Chegou à política conspirando com Vitorino Magalhães Godinho e o grupo dos socialistas liderado por António Macedo. Apesar de os comunistas desconfiarem dele, foi pelo seu próprio pé que pediu, em 1944, para entrar no PCP. Crítico — “desde cedo o estalinismo começou-me a fazer doenças de pele, havia brutalidades imensas” —, mantém-se fiel aos ideais comunistas. Ensaísta incontornável (a “vermelhinha” “História da Literatura Portuguesa” que organizou com António José Saraiva continua a ser um marco fundamental), continua a acreditar na revolução comunista ao mesmo tempo que persiste em tentar perceber o que é linguagem: “O que é falar? Ainda hoje me preocupa. Se quiser, é a minha religião.”

A sua infância foi muito marcante na sua vida futura?
Sim, mas de uma forma complexa, porque sou o avesso daquilo que fui. A minha infância era católica, monárquica e conservadora. Fui menino do coro, ajudei à missa, andava nas procissões, levei com todas essas coisas —  era o meu ambiente. Mas foi precisamente contra isso que reagi. Desde muito cedo, aí pelos nove anos, comecei a ter aquilo a que se pode chamar “consciência ideológica”. Escrevi uma coisa aos 11 anos, que a minha mãe guardou, em que explicava porque é que não podia acreditar em Deus. Diziam-me: Deus é a causa de tudo. Perguntei logo: e a causa de Deus, onde é que está?

Houve algum acontecimento que o levou tão cedo a ter esse tipo de interrogações?
São coisas do meu foro íntimo... Houve uma revolta que desde muito cedo me levou a ser sensível à pobreza. Vi famílias sem casa, crianças que morriam como tordos, uma coisa medonha. Para irem a enterrar, punham-se as crianças com uma tacinha para as pessoas darem esmola. Os pedintes chegavam a fazer cancros, nos braços, no corpo, esfregando alho e outras coisas, não sei bem... Era o meu “espectáculo” de todos os dias. E, nessa altura, já tinha um enorme remorso de ser burguês por tomar conhecimento directo com a miséria e não poder fazer nada.
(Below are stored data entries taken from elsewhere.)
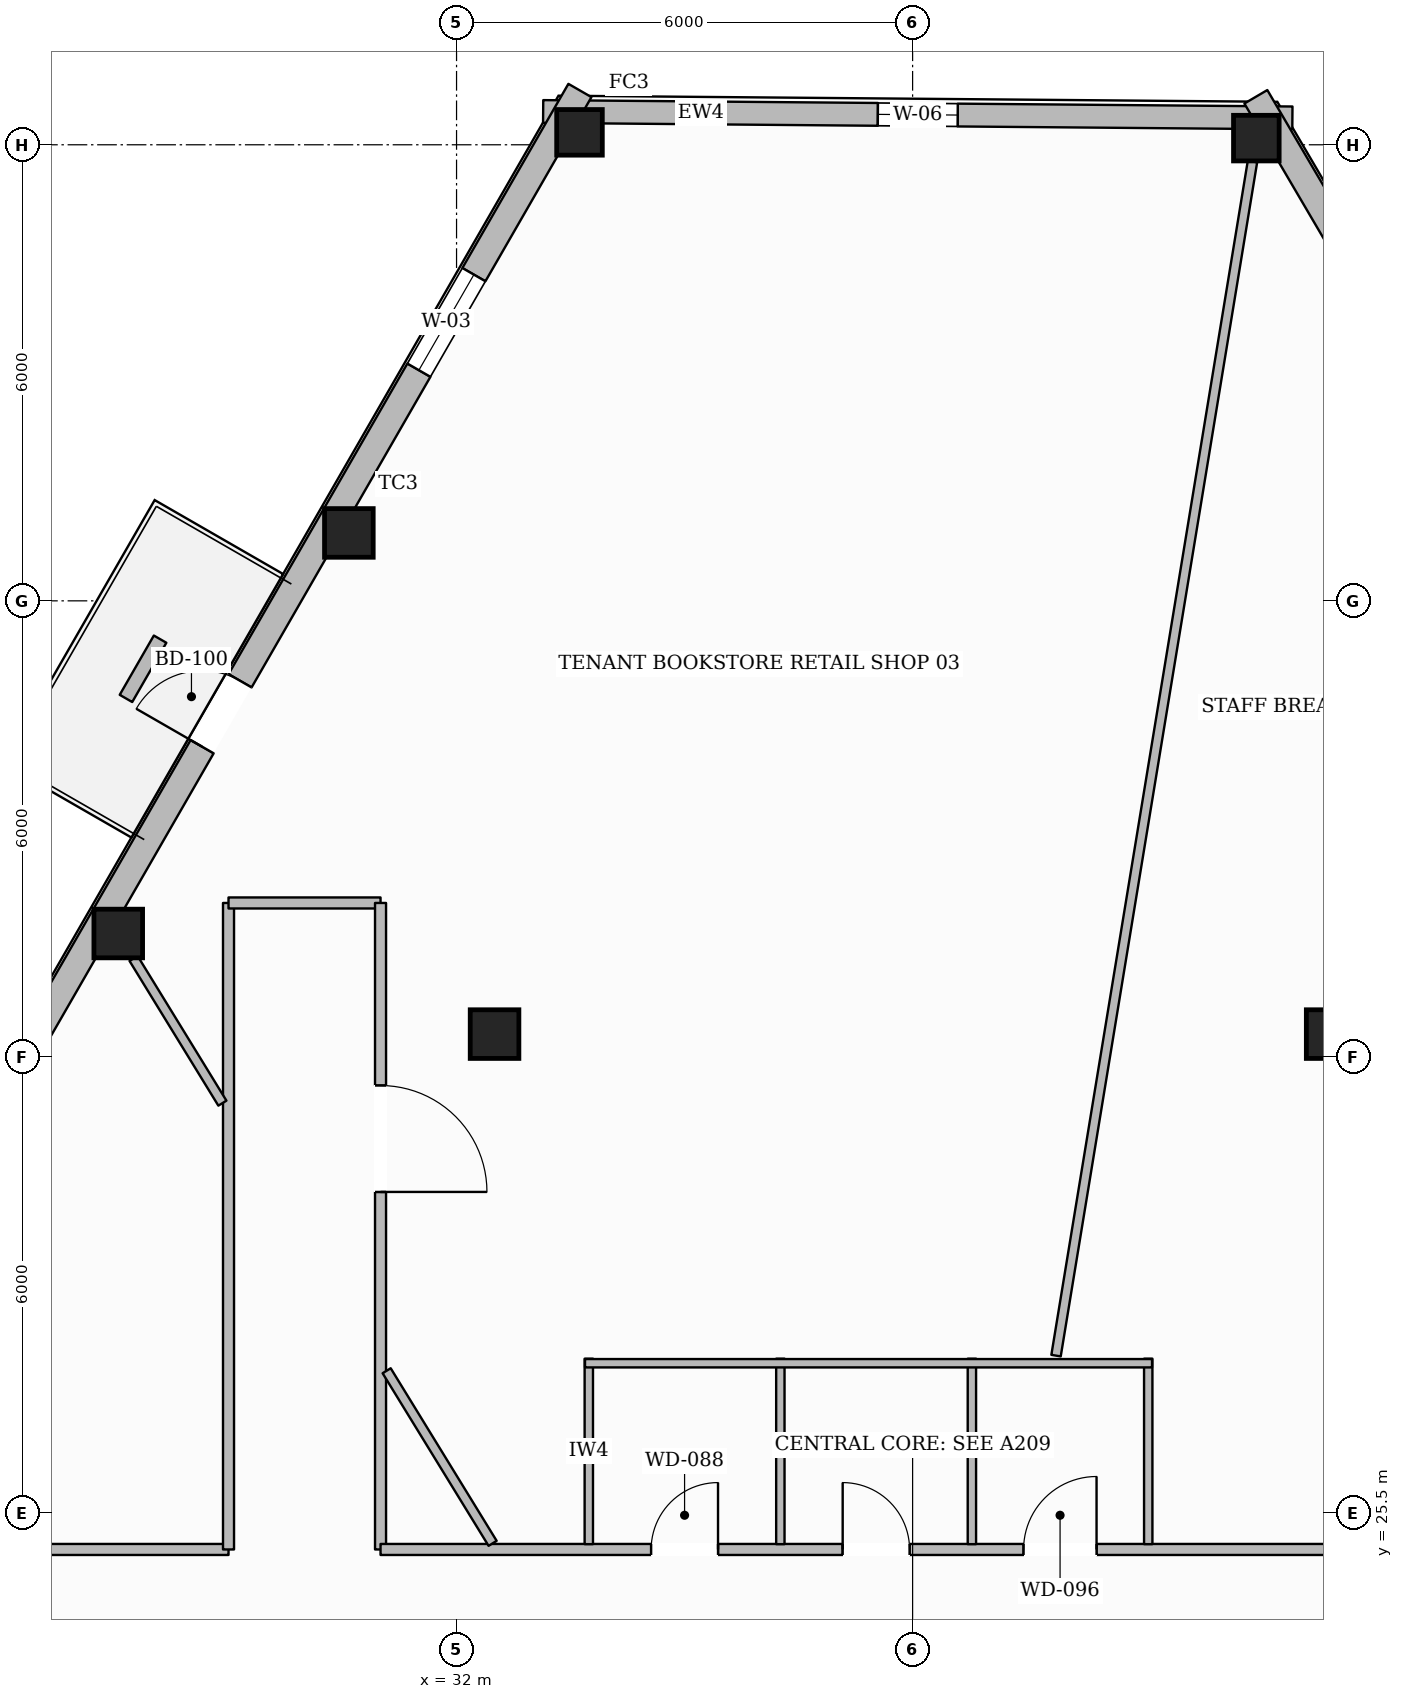
"""IFC4 building model, lengths in metres.
Left out: names, types, materials, properties, quantities, classifications, styles, units other than length and angle.
Written with IfcOpenShell. Run it as: python <this file> out.ifc"""

import sys

from ifc_helpers import new_model, si_unit, direction, frame, frame_2d, origin, origin_2d, place, context, subcontext, project, spatial, rectangle, hollow_rectangle, extrude, element, fill, save


model = new_model("IFC4")
c1 = context("Model", 3, precision=1e-05, world=origin(), true_north=direction((0.0, 1.0)))
c2 = subcontext(c1, "Body", "Model", "MODEL_VIEW")
j1 = project(units=[si_unit("LENGTHUNIT", "METRE"), si_unit("PLANEANGLEUNIT", "RADIAN")], contexts=[c1])
p1 = place(None, origin())
s1 = spatial("IfcSite", under=j1, at=p1, CompositionType="ELEMENT")
p2 = place(p1, origin())
s2 = spatial("IfcBuilding", under=s1, at=p2, CompositionType="ELEMENT")
p3 = place(p2, frame((0.0, 0.0, 191.95)))
s3 = spatial("IfcBuildingStorey", under=s2, at=p3, CompositionType="ELEMENT", Elevation=191.95)
p4 = place(p3, frame((33.617, 43.663, 0.0), z_axis=(0.0, 0.0, 1.0), x_axis=(1.0, 0.0, 0.0)))
e1 = element("IfcColumn", 1, at=p4, inside=s3, PredefinedType="COLUMN", context=c2, shape_type="SweptSolid", body=[
    extrude(hollow_rectangle(XDim=0.6, YDim=0.6, WallThickness=0.028, at=origin_2d()), origin(), (0.0, 0.0, 1.0), 3.6),
])
for number, where, z_axis, x_axis in (
    (2, (30.583, 38.393, 0.0), (0.0, 0.0, 1.0), (1.0, 0.0, 0.0)),
    (3, (27.549, 33.123, 0.0), (0.0, 0.0, 1.0), (1.0, 0.0, 0.0)),
):
    element("IfcColumn", number, at=place(p3, frame(where, z_axis=z_axis, x_axis=x_axis)), inside=s3, PredefinedType="COLUMN", context=c2, shape_type="SweptSolid", body=[
        extrude(hollow_rectangle(XDim=0.64, YDim=0.64, WallThickness=0.028, at=origin_2d()), origin(), (0.0, 0.0, 1.0), 3.6),
    ])
p5 = place(p3, frame((42.522, 43.587, 0.0), z_axis=(0.0, 0.0, 1.0), x_axis=(1.0, 0.0, 0.0)))
e4 = element("IfcColumn", 4, at=p5, inside=s3, PredefinedType="COLUMN", context=c2, shape_type="SweptSolid", body=[
    extrude(hollow_rectangle(XDim=0.6, YDim=0.6, WallThickness=0.028, at=origin_2d()), origin(), (0.0, 0.0, 1.0), 3.6),
])
for number, where, z_axis, x_axis in (
    (5, (32.5, 31.8, 0.0), (0.0, 0.0, 1.0), (1.0, 0.0, 0.0)),
    (6, (43.5, 31.8, 0.0), (0.0, 0.0, 1.0), (1.0, 0.0, 0.0)),
):
    element("IfcColumn", number, at=place(p3, frame(where, z_axis=z_axis, x_axis=x_axis)), inside=s3, PredefinedType="COLUMN", context=c2, shape_type="SweptSolid", body=[
        extrude(hollow_rectangle(XDim=0.64, YDim=0.64, WallThickness=0.028, at=origin_2d()), origin(), (0.0, 0.0, 1.0), 3.6),
    ])
p6 = place(p3, frame((33.139, 43.938, 0.0), z_axis=(0.0, 0.0, 1.0), x_axis=(0.999963705721, -0.008519814607, 0.0)))
e7 = element("IfcWall", 7, at=p6, inside=s3, PredefinedType="STANDARD", context=c2, shape_type="SweptSolid", body=[
    extrude(rectangle(XDim=9.857, YDim=0.3, at=frame_2d((4.929, 0.0))), origin(), (0.0, 0.0, 1.0), 3.132),
])
p7 = place(p6, frame((4.404, 0.0, 0.65)))
e8 = element("IfcOpeningElement", 8, at=p7, cuts=e7, PredefinedType="OPENING", context=c2, shape_type="SweptSolid", body=[
    extrude(rectangle(XDim=1.05, YDim=1.7, at=frame_2d((0.525, 0.85))), frame((0.0, 0.16, 0.0), z_axis=(0.0, -1.0, 0.0), x_axis=(1.0, 0.0, 0.0)), (0.0, 0.0, 1.0), 0.32),
])
p8 = place(p3, frame((14.94, 11.763, 0.0), z_axis=(0.0, 0.0, 1.0), x_axis=(0.498943522518, 0.866634502739, 0.0)))
e9 = element("IfcWall", 9, at=p8, inside=s3, PredefinedType="STANDARD", context=c2, shape_type="SweptSolid", body=[
    extrude(rectangle(XDim=37.445, YDim=0.35, at=frame_2d((18.723, 0.0))), origin(), (0.0, 0.0, 1.0), 3.132),
])
p9 = place(p8, frame((27.484, 0.0, 0.0)))
e10 = element("IfcOpeningElement", 10, at=p9, cuts=e9, PredefinedType="OPENING", context=c2, shape_type="SweptSolid", body=[
    extrude(rectangle(XDim=1.0, YDim=2.2, at=frame_2d((0.5, 1.1))), frame((0.0, 0.185, 0.0), z_axis=(0.0, -1.0, 0.0), x_axis=(1.0, 0.0, 0.0)), (0.0, 0.0, 1.0), 0.37),
])
p10 = place(p8, frame((33.2, 0.0, 0.65)))
e11 = element("IfcOpeningElement", 11, at=p10, cuts=e9, PredefinedType="OPENING", context=c2, shape_type="SweptSolid", body=[
    extrude(rectangle(XDim=1.45, YDim=1.75, at=frame_2d((0.725, 0.875))), frame((0.0, 0.185, 0.0), z_axis=(0.0, -1.0, 0.0), x_axis=(1.0, 0.0, 0.0)), (0.0, 0.0, 1.0), 0.37),
])
p11 = place(p8, frame((21.038, 0.0, 0.65)))
e12 = element("IfcOpeningElement", 12, at=p11, cuts=e9, PredefinedType="OPENING", context=c2, shape_type="SweptSolid", body=[
    extrude(rectangle(XDim=1.45, YDim=1.75, at=frame_2d((0.725, 0.875))), frame((0.0, 0.185, 0.0), z_axis=(0.0, -1.0, 0.0), x_axis=(1.0, 0.0, 0.0)), (0.0, 0.0, 1.0), 0.37),
])
p12 = place(p8, frame((8.875, 0.0, 0.65)))
e13 = element("IfcOpeningElement", 13, at=p12, cuts=e9, PredefinedType="OPENING", context=c2, shape_type="SweptSolid", body=[
    extrude(rectangle(XDim=1.45, YDim=1.75, at=frame_2d((0.725, 0.875))), frame((0.0, 0.185, 0.0), z_axis=(0.0, -1.0, 0.0), x_axis=(1.0, 0.0, 0.0)), (0.0, 0.0, 1.0), 0.37),
])
p13 = place(p8, frame((2.795, 0.0, 0.65)))
e14 = element("IfcOpeningElement", 14, at=p13, cuts=e9, PredefinedType="OPENING", context=c2, shape_type="SweptSolid", body=[
    extrude(rectangle(XDim=1.45, YDim=1.75, at=frame_2d((0.725, 0.875))), frame((0.0, 0.185, 0.0), z_axis=(0.0, -1.0, 0.0), x_axis=(1.0, 0.0, 0.0)), (0.0, 0.0, 1.0), 0.37),
])
p14 = place(p3, frame((42.516, 44.131, 0.0), z_axis=(0.0, 0.0, 1.0), x_axis=(0.506310158323, -0.862351450152, 0.0)))
e15 = element("IfcWall", 15, at=p14, inside=s3, PredefinedType="STANDARD", context=c2, shape_type="SweptSolid", body=[
    extrude(rectangle(XDim=38.0, YDim=0.35, at=frame_2d((19.0, 0.0))), origin(), (0.0, 0.0, 1.0), 3.132),
])
p15 = place(p14, frame((33.708, 0.0, 0.65)))
e16 = element("IfcOpeningElement", 16, at=p15, cuts=e15, PredefinedType="OPENING", context=c2, shape_type="SweptSolid", body=[
    extrude(rectangle(XDim=1.45, YDim=1.75, at=frame_2d((0.725, 0.875))), frame((0.0, 0.185, 0.0), z_axis=(0.0, -1.0, 0.0), x_axis=(1.0, 0.0, 0.0)), (0.0, 0.0, 1.0), 0.37),
])
p16 = place(p14, frame((27.534, 0.0, 0.65)))
e17 = element("IfcOpeningElement", 17, at=p16, cuts=e15, PredefinedType="OPENING", context=c2, shape_type="SweptSolid", body=[
    extrude(rectangle(XDim=1.45, YDim=1.75, at=frame_2d((0.725, 0.875))), frame((0.0, 0.185, 0.0), z_axis=(0.0, -1.0, 0.0), x_axis=(1.0, 0.0, 0.0)), (0.0, 0.0, 1.0), 0.37),
])
p17 = place(p14, frame((21.359, 0.0, 0.65)))
e18 = element("IfcOpeningElement", 18, at=p17, cuts=e15, PredefinedType="OPENING", context=c2, shape_type="SweptSolid", body=[
    extrude(rectangle(XDim=1.45, YDim=1.75, at=frame_2d((0.725, 0.875))), frame((0.0, 0.185, 0.0), z_axis=(0.0, -1.0, 0.0), x_axis=(1.0, 0.0, 0.0)), (0.0, 0.0, 1.0), 0.37),
])
p18 = place(p14, frame((9.009, 0.0, 0.65)))
e19 = element("IfcOpeningElement", 19, at=p18, cuts=e15, PredefinedType="OPENING", context=c2, shape_type="SweptSolid", body=[
    extrude(rectangle(XDim=1.45, YDim=1.75, at=frame_2d((0.725, 0.875))), frame((0.0, 0.185, 0.0), z_axis=(0.0, -1.0, 0.0), x_axis=(1.0, 0.0, 0.0)), (0.0, 0.0, 1.0), 0.37),
])
p19 = place(p14, frame((2.834, 0.0, 0.65)))
e20 = element("IfcOpeningElement", 20, at=p19, cuts=e15, PredefinedType="OPENING", context=c2, shape_type="SweptSolid", body=[
    extrude(rectangle(XDim=1.45, YDim=1.75, at=frame_2d((0.725, 0.875))), frame((0.0, 0.185, 0.0), z_axis=(0.0, -1.0, 0.0), x_axis=(1.0, 0.0, 0.0)), (0.0, 0.0, 1.0), 0.37),
])
p20 = place(p3, frame((28.1, 36.996, 0.0), z_axis=(0.0, 0.0, 1.0), x_axis=(-0.499057033185, -0.866569141862, 0.0)))
e21 = element("IfcWall", 21, at=p20, inside=s3, PredefinedType="USERDEFINED", context=c2, shape_type="SweptSolid", body=[
    extrude(rectangle(XDim=0.9, YDim=0.19, at=frame_2d((0.45, 0.0))), origin(), (0.0, 0.0, 1.0), 0.5),
])
p21 = place(p3, frame((26.06, 25.02, 0.0), z_axis=(0.0, 0.0, 1.0), x_axis=(1.0, 0.0, 0.0)))
e22 = element("IfcWall", 22, at=p21, inside=s3, PredefinedType="PARTITIONING", context=c2, shape_type="SweptSolid", body=[
    extrude(rectangle(XDim=2.94, YDim=0.145, at=frame_2d((1.47, 0.0))), origin(), (0.0, 0.0, 1.0), 3.6),
])
p22 = place(p3, frame((29.0, 25.02, 0.0), z_axis=(0.0, 0.0, 1.0), x_axis=(0.0, 1.0, 0.0)))
e23 = element("IfcWall", 23, at=p22, inside=s3, PredefinedType="PARTITIONING", context=c2, shape_type="SweptSolid", body=[
    extrude(rectangle(XDim=8.505, YDim=0.145, at=frame_2d((4.253, 0.0))), origin(), (0.0, 0.0, 1.0), 3.6),
])
p23 = place(p3, frame((29.0, 33.525, 0.0), z_axis=(0.0, 0.0, 1.0), x_axis=(1.0, 0.0, 0.0)))
e24 = element("IfcWall", 24, at=p23, inside=s3, PredefinedType="PARTITIONING", context=c2, shape_type="SweptSolid", body=[
    extrude(rectangle(XDim=2.0, YDim=0.145, at=frame_2d((1.0, 0.0))), origin(), (0.0, 0.0, 1.0), 3.6),
])
p24 = place(p3, frame((31.0, 33.525, 0.0), z_axis=(0.0, 0.0, 1.0), x_axis=(0.0, -1.0, 0.0)))
e25 = element("IfcWall", 25, at=p24, inside=s3, PredefinedType="PARTITIONING", context=c2, shape_type="SweptSolid", body=[
    extrude(rectangle(XDim=8.505, YDim=0.145, at=frame_2d((4.253, 0.0))), origin(), (0.0, 0.0, 1.0), 3.6),
])
p25 = place(p24, frame((2.402, 0.0, 0.0)))
e26 = element("IfcOpeningElement", 26, at=p25, cuts=e25, PredefinedType="OPENING", context=c2, shape_type="SweptSolid", body=[
    extrude(rectangle(XDim=1.4, YDim=2.2, at=frame_2d((0.7, 1.1))), frame((0.0, 0.083, 0.0), z_axis=(0.0, -1.0, 0.0), x_axis=(1.0, 0.0, 0.0)), (0.0, 0.0, 1.0), 0.165),
])
p26 = place(p3, frame((31.0, 25.02, 0.0), z_axis=(0.0, 0.0, 1.0), x_axis=(1.0, 0.0, 0.0)))
e27 = element("IfcWall", 27, at=p26, inside=s3, PredefinedType="PARTITIONING", context=c2, shape_type="SweptSolid", body=[
    extrude(rectangle(XDim=14.0, YDim=0.145, at=frame_2d((7.0, 0.0))), origin(), (0.0, 0.0, 1.0), 3.6),
])
p27 = place(p26, frame((3.56, 0.0, 0.0)))
e28 = element("IfcOpeningElement", 28, at=p27, cuts=e27, PredefinedType="OPENING", context=c2, shape_type="SweptSolid", body=[
    extrude(rectangle(XDim=0.88, YDim=2.1, at=frame_2d((0.44, 1.05))), frame((0.0, 0.083, 0.0), z_axis=(0.0, -1.0, 0.0), x_axis=(1.0, 0.0, 0.0)), (0.0, 0.0, 1.0), 0.165),
])
p28 = place(p26, frame((6.08, 0.0, 0.0)))
e29 = element("IfcOpeningElement", 29, at=p28, cuts=e27, PredefinedType="OPENING", context=c2, shape_type="SweptSolid", body=[
    extrude(rectangle(XDim=0.88, YDim=2.1, at=frame_2d((0.44, 1.05))), frame((0.0, 0.083, 0.0), z_axis=(0.0, -1.0, 0.0), x_axis=(1.0, 0.0, 0.0)), (0.0, 0.0, 1.0), 0.165),
])
p29 = place(p26, frame((8.46, 0.0, 0.0)))
e30 = element("IfcOpeningElement", 30, at=p29, cuts=e27, PredefinedType="OPENING", context=c2, shape_type="SweptSolid", body=[
    extrude(rectangle(XDim=0.96, YDim=2.1, at=frame_2d((0.48, 1.05))), frame((0.0, 0.083, 0.0), z_axis=(0.0, -1.0, 0.0), x_axis=(1.0, 0.0, 0.0)), (0.0, 0.0, 1.0), 0.165),
])
p30 = place(p3, frame((33.74, 25.09, 0.0), z_axis=(0.0, 0.0, 1.0), x_axis=(0.0, 1.0, 0.0)))
e31 = element("IfcWall", 31, at=p30, inside=s3, PredefinedType="PLUMBINGWALL", context=c2, shape_type="SweptSolid", body=[
    extrude(rectangle(XDim=2.44, YDim=0.11, at=frame_2d((1.22, 0.0))), origin(), (0.0, 0.0, 1.0), 3.141),
])
for number, where, z_axis, x_axis in (
    (32, (36.26, 25.09, 0.0), (0.0, 0.0, 1.0), (0.0, 1.0, 0.0)),
    (33, (38.78, 25.09, 0.0), (0.0, 0.0, 1.0), (0.0, 1.0, 0.0)),
    (34, (41.1, 25.09, 0.0), (0.0, 0.0, 1.0), (0.0, 1.0, 0.0)),
):
    element("IfcWall", number, at=place(p3, frame(where, z_axis=z_axis, x_axis=x_axis)), inside=s3, PredefinedType="PLUMBINGWALL", context=c2, shape_type="SweptSolid", body=[
        extrude(rectangle(XDim=2.44, YDim=0.11, at=frame_2d((1.22, 0.0))), origin(), (0.0, 0.0, 1.0), 3.6),
    ])
p31 = place(p3, frame((33.69, 27.47, 0.0), z_axis=(0.0, 0.0, 1.0), x_axis=(1.0, 0.0, 0.0)))
e35 = element("IfcWall", 35, at=p31, inside=s3, PredefinedType="PLUMBINGWALL", context=c2, shape_type="SweptSolid", body=[
    extrude(rectangle(XDim=7.46, YDim=0.11, at=frame_2d((3.73, 0.0))), origin(), (0.0, 0.0, 1.0), 3.6),
])
p32 = place(p3, frame((39.887, 27.57, 0.0), z_axis=(0.0, 0.0, 1.0), x_axis=(0.162334640523, 0.986735762241, 0.0)))
e36 = element("IfcWall", 36, at=p32, inside=s3, PredefinedType="PARTITIONING", context=c2, shape_type="SweptSolid", body=[
    extrude(rectangle(XDim=15.921, YDim=0.125, at=frame_2d((7.96, 0.0))), origin(), (0.0, 0.0, 1.0), 3.141),
])
p33 = place(p3, frame((32.475, 25.101, 0.0), z_axis=(0.0, 0.0, 1.0), x_axis=(-0.52318715373, 0.852217813808, 0.0)))
e37 = element("IfcWall", 37, at=p33, inside=s3, PredefinedType="PARTITIONING", context=c2, shape_type="SweptSolid", body=[
    extrude(rectangle(XDim=2.665, YDim=0.125, at=frame_2d((1.332, 0.0))), origin(), (0.0, 0.0, 1.0), 3.6),
])
p34 = place(p3, frame((28.919, 30.892, 0.0), z_axis=(0.0, 0.0, 1.0), x_axis=(-0.523164171822, 0.852231922262, 0.0)))
e38 = element("IfcWall", 38, at=p34, inside=s3, PredefinedType="PARTITIONING", context=c2, shape_type="SweptSolid", body=[
    extrude(rectangle(XDim=2.234, YDim=0.125, at=frame_2d((1.117, 0.0))), origin(), (0.0, 0.0, 1.0), 3.6),
])
p35 = place(p9, origin())
e39 = element("IfcDoor", 39, at=p35, inside=s3, OperationType="SINGLE_SWING_LEFT", PredefinedType="DOOR", context=c2, shape_type="SweptSolid", body=[
    extrude(rectangle(XDim=1.0, YDim=2.2, at=frame_2d((0.5, 1.1))), frame((0.0, 0.025, 0.0), z_axis=(0.0, -1.0, 0.0), x_axis=(1.0, 0.0, 0.0)), (0.0, 0.0, 1.0), 0.05),
])
fill(e10, e39)
p36 = place(p10, origin())
e40 = element("IfcWindow", 40, at=p36, inside=s3, PartitioningType="SINGLE_PANEL", PredefinedType="WINDOW", context=c2, shape_type="SweptSolid", body=[
    extrude(rectangle(XDim=1.45, YDim=1.75, at=frame_2d((0.725, 0.875))), frame((0.0, 0.03, 0.0), z_axis=(0.0, -1.0, 0.0), x_axis=(1.0, 0.0, 0.0)), (0.0, 0.0, 1.0), 0.06),
])
fill(e11, e40)
p37 = place(p7, origin())
e41 = element("IfcWindow", 41, at=p37, inside=s3, PartitioningType="SINGLE_PANEL", PredefinedType="WINDOW", context=c2, shape_type="SweptSolid", body=[
    extrude(rectangle(XDim=1.05, YDim=1.7, at=frame_2d((0.525, 0.85))), frame((0.0, 0.03, 0.0), z_axis=(0.0, -1.0, 0.0), x_axis=(1.0, 0.0, 0.0)), (0.0, 0.0, 1.0), 0.06),
])
fill(e8, e41)
p38 = place(p27, origin())
e42 = element("IfcDoor", 42, at=p38, inside=s3, OperationType="SINGLE_SWING_RIGHT", PredefinedType="DOOR", context=c2, shape_type="SweptSolid", body=[
    extrude(rectangle(XDim=0.88, YDim=2.1, at=frame_2d((0.44, 1.05))), frame((0.0, 0.025, 0.0), z_axis=(0.0, -1.0, 0.0), x_axis=(1.0, 0.0, 0.0)), (0.0, 0.0, 1.0), 0.05),
])
fill(e28, e42)
p39 = place(p28, origin())
e43 = element("IfcDoor", 43, at=p39, inside=s3, OperationType="SINGLE_SWING_LEFT", PredefinedType="DOOR", context=c2, shape_type="SweptSolid", body=[
    extrude(rectangle(XDim=0.88, YDim=2.1, at=frame_2d((0.44, 1.05))), frame((0.0, 0.025, 0.0), z_axis=(0.0, -1.0, 0.0), x_axis=(1.0, 0.0, 0.0)), (0.0, 0.0, 1.0), 0.05),
])
fill(e29, e43)
p40 = place(p29, origin())
e44 = element("IfcDoor", 44, at=p40, inside=s3, OperationType="SINGLE_SWING_RIGHT", PredefinedType="DOOR", context=c2, shape_type="SweptSolid", body=[
    extrude(rectangle(XDim=0.96, YDim=2.1, at=frame_2d((0.48, 1.05))), frame((0.0, 0.025, 0.0), z_axis=(0.0, -1.0, 0.0), x_axis=(1.0, 0.0, 0.0)), (0.0, 0.0, 1.0), 0.05),
])
fill(e30, e44)
p41 = place(p25, origin())
e45 = element("IfcDoor", 45, at=p41, inside=s3, OperationType="SINGLE_SWING_RIGHT", PredefinedType="DOOR", context=c2, shape_type="SweptSolid", body=[
    extrude(rectangle(XDim=1.4, YDim=2.2, at=frame_2d((0.7, 1.1))), frame((0.0, 0.025, 0.0), z_axis=(0.0, -1.0, 0.0), x_axis=(1.0, 0.0, 0.0)), (0.0, 0.0, 1.0), 0.05),
])
fill(e26, e45)
save(model, sys.argv[1])

O ambiente familiar foi muito marcante, os seus pais, a sua avó...
... os três juntos e senti-o dramaticamente. Achava um disparate, por exemplo, os meus pais não se poderem divorciar porque não podiam. A minha avó marcou-me imenso. Com 80 anos, compunha música e já não ouvia nada. Era uma coisa extraordinária. Eu comecei a ficar surdo por volta dos 12 anos, por causa de um sarampo mal curado. Mas aprendi música e cheguei a estudar piano. Só não continuei porque, quando fui para Lisboa, tirar Letras, não tive dinheiro para prosseguir. Acabei por ir para Filologia Românica — estudar latim, grego e sânscrito para tentar saber como é que os homens tinham começado a falar —, mas estive hesitante em ir para música, porque sempre compreendi a música como uma fala. Cheguei a dividir as orações a cantarolar, era um dos meus passatempos... Desde muito cedo, um dos meus grandes problemas — e mistério — era o de saber o que significa a linguagem? O que é falar? Ainda hoje me preocupa. Se quiser, é a minha religião. A linguagem é um dom da espécie humana.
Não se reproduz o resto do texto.